# Corsair Vengeance C70 Seitenfenster ohne Lüfter Löcher



## kevin123 (26. April 2014)

*Corsair Vengeance C70 Seitenfenster ohne Lüfter Löcher*

Gibt es bei euch so ein Seitenfenster zu kaufen?


----------



## naruto8073 (26. April 2014)

*AW: Corsair Vengeance C70 Seitenfenster ohne Lüfter Löcher*

Hallo. 
Meinst du so was ?
---> Corsair C70 Custom Window


----------



## kevin123 (26. April 2014)

*AW: Corsair Vengeance C70 Seitenfenster ohne Lüfter Löcher*



naruto8073 schrieb:


> Hallo.
> Meinst du so was ?
> ---> Corsair C70 Custom Window


 
ja sowas mein ich aber das ist nicht auf lager dort, und es wäre super ein österreichischer oder deutscher shop


----------



## MaxPa (26. April 2014)

*AW: Corsair Vengeance C70 Seitenfenster ohne Lüfter Löcher*

Mach selber  Werde ich warscheinlich auch machen, die Löcher sehen echt nicht schick aus ^^


----------



## kevin123 (27. April 2014)

*AW: Corsair Vengeance C70 Seitenfenster ohne Lüfter Löcher*

Ja Wegen dem will ich auch eins


----------



## Bluebeard (28. April 2014)

*AW: Corsair Vengeance C70 Seitenfenster ohne Lüfter Löcher*

Unsererseits leider nicht als Ersatzteil vorhanden.

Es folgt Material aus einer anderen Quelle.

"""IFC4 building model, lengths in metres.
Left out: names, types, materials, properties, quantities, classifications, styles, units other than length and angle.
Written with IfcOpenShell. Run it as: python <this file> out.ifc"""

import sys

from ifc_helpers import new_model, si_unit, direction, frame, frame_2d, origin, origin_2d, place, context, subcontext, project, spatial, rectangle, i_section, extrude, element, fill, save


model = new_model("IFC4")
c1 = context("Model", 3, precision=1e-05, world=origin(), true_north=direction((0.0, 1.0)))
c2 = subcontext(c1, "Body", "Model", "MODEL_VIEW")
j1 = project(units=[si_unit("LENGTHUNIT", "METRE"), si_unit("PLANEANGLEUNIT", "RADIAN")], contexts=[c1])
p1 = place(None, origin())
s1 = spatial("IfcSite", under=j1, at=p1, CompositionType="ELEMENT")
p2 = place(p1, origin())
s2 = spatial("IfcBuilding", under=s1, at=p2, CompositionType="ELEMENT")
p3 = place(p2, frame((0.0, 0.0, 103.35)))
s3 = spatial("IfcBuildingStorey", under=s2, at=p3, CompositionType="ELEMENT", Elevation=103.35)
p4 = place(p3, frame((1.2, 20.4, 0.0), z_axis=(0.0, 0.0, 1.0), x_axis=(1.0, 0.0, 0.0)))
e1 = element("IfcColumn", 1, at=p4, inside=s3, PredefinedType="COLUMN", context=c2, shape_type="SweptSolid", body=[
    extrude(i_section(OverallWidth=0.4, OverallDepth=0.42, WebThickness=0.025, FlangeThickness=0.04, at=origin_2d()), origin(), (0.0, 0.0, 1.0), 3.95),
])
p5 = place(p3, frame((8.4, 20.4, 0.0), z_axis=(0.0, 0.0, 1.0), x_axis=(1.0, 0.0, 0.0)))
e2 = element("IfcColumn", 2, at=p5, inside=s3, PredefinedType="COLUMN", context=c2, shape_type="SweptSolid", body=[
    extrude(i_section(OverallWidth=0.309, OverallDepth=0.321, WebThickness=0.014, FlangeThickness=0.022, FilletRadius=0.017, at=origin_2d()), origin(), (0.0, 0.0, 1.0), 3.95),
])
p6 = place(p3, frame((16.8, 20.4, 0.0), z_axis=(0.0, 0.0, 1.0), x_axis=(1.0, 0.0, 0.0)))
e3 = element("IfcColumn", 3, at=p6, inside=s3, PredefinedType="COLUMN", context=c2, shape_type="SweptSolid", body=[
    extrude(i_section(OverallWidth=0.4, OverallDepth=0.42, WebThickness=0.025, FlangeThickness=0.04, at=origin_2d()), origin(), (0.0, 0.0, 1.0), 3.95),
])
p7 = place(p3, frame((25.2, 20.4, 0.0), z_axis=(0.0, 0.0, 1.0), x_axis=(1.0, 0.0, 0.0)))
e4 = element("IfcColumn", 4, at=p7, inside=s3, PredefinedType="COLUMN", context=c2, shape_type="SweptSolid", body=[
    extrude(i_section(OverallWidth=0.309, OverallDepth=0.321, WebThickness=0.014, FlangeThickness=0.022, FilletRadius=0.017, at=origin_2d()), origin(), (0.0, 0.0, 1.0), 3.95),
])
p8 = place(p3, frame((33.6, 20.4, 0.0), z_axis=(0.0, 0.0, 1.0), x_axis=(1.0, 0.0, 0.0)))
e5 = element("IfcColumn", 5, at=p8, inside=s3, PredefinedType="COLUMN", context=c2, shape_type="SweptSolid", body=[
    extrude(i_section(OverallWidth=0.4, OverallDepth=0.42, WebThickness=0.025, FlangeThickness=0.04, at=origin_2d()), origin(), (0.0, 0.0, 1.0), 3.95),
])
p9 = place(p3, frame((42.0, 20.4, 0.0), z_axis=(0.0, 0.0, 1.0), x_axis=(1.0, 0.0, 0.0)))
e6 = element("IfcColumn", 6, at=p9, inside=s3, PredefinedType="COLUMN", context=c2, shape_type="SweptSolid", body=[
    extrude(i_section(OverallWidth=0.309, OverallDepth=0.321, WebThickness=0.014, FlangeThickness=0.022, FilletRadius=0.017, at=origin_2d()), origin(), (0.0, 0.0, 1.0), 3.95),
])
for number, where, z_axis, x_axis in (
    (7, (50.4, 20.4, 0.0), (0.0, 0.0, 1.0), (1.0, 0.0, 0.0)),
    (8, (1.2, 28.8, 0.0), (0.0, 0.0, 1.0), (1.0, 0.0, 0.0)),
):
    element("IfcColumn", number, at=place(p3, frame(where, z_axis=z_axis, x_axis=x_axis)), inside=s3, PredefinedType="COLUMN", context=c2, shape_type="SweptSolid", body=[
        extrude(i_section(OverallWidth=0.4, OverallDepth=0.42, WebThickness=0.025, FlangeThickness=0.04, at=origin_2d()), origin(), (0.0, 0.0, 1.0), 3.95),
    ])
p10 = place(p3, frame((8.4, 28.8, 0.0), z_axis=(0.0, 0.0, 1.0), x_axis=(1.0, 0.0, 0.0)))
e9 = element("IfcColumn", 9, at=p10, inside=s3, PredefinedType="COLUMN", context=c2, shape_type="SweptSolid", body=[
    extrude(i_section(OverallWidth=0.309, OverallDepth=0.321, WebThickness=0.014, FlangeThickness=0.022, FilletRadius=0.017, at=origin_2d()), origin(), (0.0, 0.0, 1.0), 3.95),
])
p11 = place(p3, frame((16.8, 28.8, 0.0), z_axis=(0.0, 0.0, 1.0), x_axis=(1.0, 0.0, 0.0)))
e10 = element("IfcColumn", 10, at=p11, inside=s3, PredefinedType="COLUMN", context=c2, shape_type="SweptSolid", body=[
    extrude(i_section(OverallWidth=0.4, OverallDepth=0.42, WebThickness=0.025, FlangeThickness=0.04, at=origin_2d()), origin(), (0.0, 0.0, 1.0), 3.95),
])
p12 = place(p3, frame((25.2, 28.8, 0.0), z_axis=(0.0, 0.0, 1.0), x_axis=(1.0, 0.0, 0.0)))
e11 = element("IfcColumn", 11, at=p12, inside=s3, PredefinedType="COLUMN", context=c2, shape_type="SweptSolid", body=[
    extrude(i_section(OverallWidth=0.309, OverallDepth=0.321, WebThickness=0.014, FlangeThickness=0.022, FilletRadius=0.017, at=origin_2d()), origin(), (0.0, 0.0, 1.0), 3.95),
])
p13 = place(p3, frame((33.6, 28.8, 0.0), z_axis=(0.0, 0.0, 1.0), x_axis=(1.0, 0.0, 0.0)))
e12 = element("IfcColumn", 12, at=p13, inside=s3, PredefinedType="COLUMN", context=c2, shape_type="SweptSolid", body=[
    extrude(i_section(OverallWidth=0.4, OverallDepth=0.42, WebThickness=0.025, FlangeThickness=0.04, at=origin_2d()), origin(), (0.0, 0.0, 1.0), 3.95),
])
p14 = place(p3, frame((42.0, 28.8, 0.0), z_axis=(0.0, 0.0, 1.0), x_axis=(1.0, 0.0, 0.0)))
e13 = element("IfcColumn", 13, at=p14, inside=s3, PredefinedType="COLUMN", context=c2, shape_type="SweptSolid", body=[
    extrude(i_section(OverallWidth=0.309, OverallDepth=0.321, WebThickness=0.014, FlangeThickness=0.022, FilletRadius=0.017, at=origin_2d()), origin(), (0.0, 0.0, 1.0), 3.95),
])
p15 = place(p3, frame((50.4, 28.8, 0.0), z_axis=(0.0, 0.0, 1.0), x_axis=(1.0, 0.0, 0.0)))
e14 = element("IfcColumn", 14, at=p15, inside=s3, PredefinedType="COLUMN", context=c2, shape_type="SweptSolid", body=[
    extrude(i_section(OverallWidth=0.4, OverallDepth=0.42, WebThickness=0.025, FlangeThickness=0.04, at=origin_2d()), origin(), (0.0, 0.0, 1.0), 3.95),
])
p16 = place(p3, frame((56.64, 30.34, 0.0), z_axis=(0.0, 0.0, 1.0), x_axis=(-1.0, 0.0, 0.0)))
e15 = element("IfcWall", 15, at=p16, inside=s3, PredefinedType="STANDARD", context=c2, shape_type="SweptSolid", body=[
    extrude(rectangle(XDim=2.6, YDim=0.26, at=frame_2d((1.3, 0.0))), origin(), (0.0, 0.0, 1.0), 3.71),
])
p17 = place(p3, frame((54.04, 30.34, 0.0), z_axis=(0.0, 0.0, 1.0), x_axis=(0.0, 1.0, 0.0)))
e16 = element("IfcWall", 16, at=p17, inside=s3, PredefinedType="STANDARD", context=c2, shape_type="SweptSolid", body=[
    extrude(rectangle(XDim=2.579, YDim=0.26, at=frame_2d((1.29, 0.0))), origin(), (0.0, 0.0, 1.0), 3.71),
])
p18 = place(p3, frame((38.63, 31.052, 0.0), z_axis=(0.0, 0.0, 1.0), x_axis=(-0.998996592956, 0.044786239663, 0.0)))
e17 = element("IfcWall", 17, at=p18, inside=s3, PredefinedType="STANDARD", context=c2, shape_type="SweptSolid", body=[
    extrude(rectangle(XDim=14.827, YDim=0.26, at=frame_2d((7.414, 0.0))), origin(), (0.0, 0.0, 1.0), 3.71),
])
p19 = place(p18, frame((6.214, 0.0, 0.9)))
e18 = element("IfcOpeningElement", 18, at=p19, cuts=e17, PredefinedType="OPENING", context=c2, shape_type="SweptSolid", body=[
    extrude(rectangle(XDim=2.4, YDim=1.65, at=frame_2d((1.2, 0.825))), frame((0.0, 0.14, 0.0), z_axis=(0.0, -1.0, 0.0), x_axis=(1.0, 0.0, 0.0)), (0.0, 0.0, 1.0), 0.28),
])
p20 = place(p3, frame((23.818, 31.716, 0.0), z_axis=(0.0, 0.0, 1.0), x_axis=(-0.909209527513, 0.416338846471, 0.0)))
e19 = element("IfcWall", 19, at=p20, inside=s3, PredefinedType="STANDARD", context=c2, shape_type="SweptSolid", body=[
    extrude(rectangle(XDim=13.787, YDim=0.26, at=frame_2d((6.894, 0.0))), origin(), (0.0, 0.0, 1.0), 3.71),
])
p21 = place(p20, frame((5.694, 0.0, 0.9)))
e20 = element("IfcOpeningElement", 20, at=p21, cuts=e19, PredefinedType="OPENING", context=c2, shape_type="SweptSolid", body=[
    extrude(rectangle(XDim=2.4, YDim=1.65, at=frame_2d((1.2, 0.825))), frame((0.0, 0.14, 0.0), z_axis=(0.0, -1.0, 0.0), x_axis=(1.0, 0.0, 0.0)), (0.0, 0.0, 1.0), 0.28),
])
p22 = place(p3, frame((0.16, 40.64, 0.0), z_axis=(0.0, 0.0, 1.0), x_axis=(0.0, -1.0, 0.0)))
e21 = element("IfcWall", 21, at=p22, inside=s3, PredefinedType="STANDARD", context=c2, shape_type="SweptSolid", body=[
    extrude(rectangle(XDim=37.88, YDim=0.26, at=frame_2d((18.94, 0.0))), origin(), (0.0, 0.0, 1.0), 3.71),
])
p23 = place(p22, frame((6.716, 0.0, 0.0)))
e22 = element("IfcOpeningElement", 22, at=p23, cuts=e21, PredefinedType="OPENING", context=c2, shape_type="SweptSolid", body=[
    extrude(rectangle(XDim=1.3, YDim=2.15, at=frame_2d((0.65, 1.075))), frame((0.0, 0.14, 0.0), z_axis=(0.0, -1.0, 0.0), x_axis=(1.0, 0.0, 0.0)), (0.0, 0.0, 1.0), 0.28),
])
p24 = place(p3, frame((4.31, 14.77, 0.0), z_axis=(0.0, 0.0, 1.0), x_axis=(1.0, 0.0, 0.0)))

Wir haben nur die Original-Teile als Ersatz und diese haben diese schicken "Geschwindigkeits"-Löcher.


----------



## kevin123 (28. April 2014)

*AW: Corsair Vengeance C70 Seitenfenster ohne Lüfter Löcher*



Bluebeard schrieb:


> Unsererseits leider nicht als Ersatzteil vorhanden. Wir haben nur die Original-Teile als Ersatz und diese haben diese schicken "Geschwindigkeits"-Löcher.


 
ok, schade


----------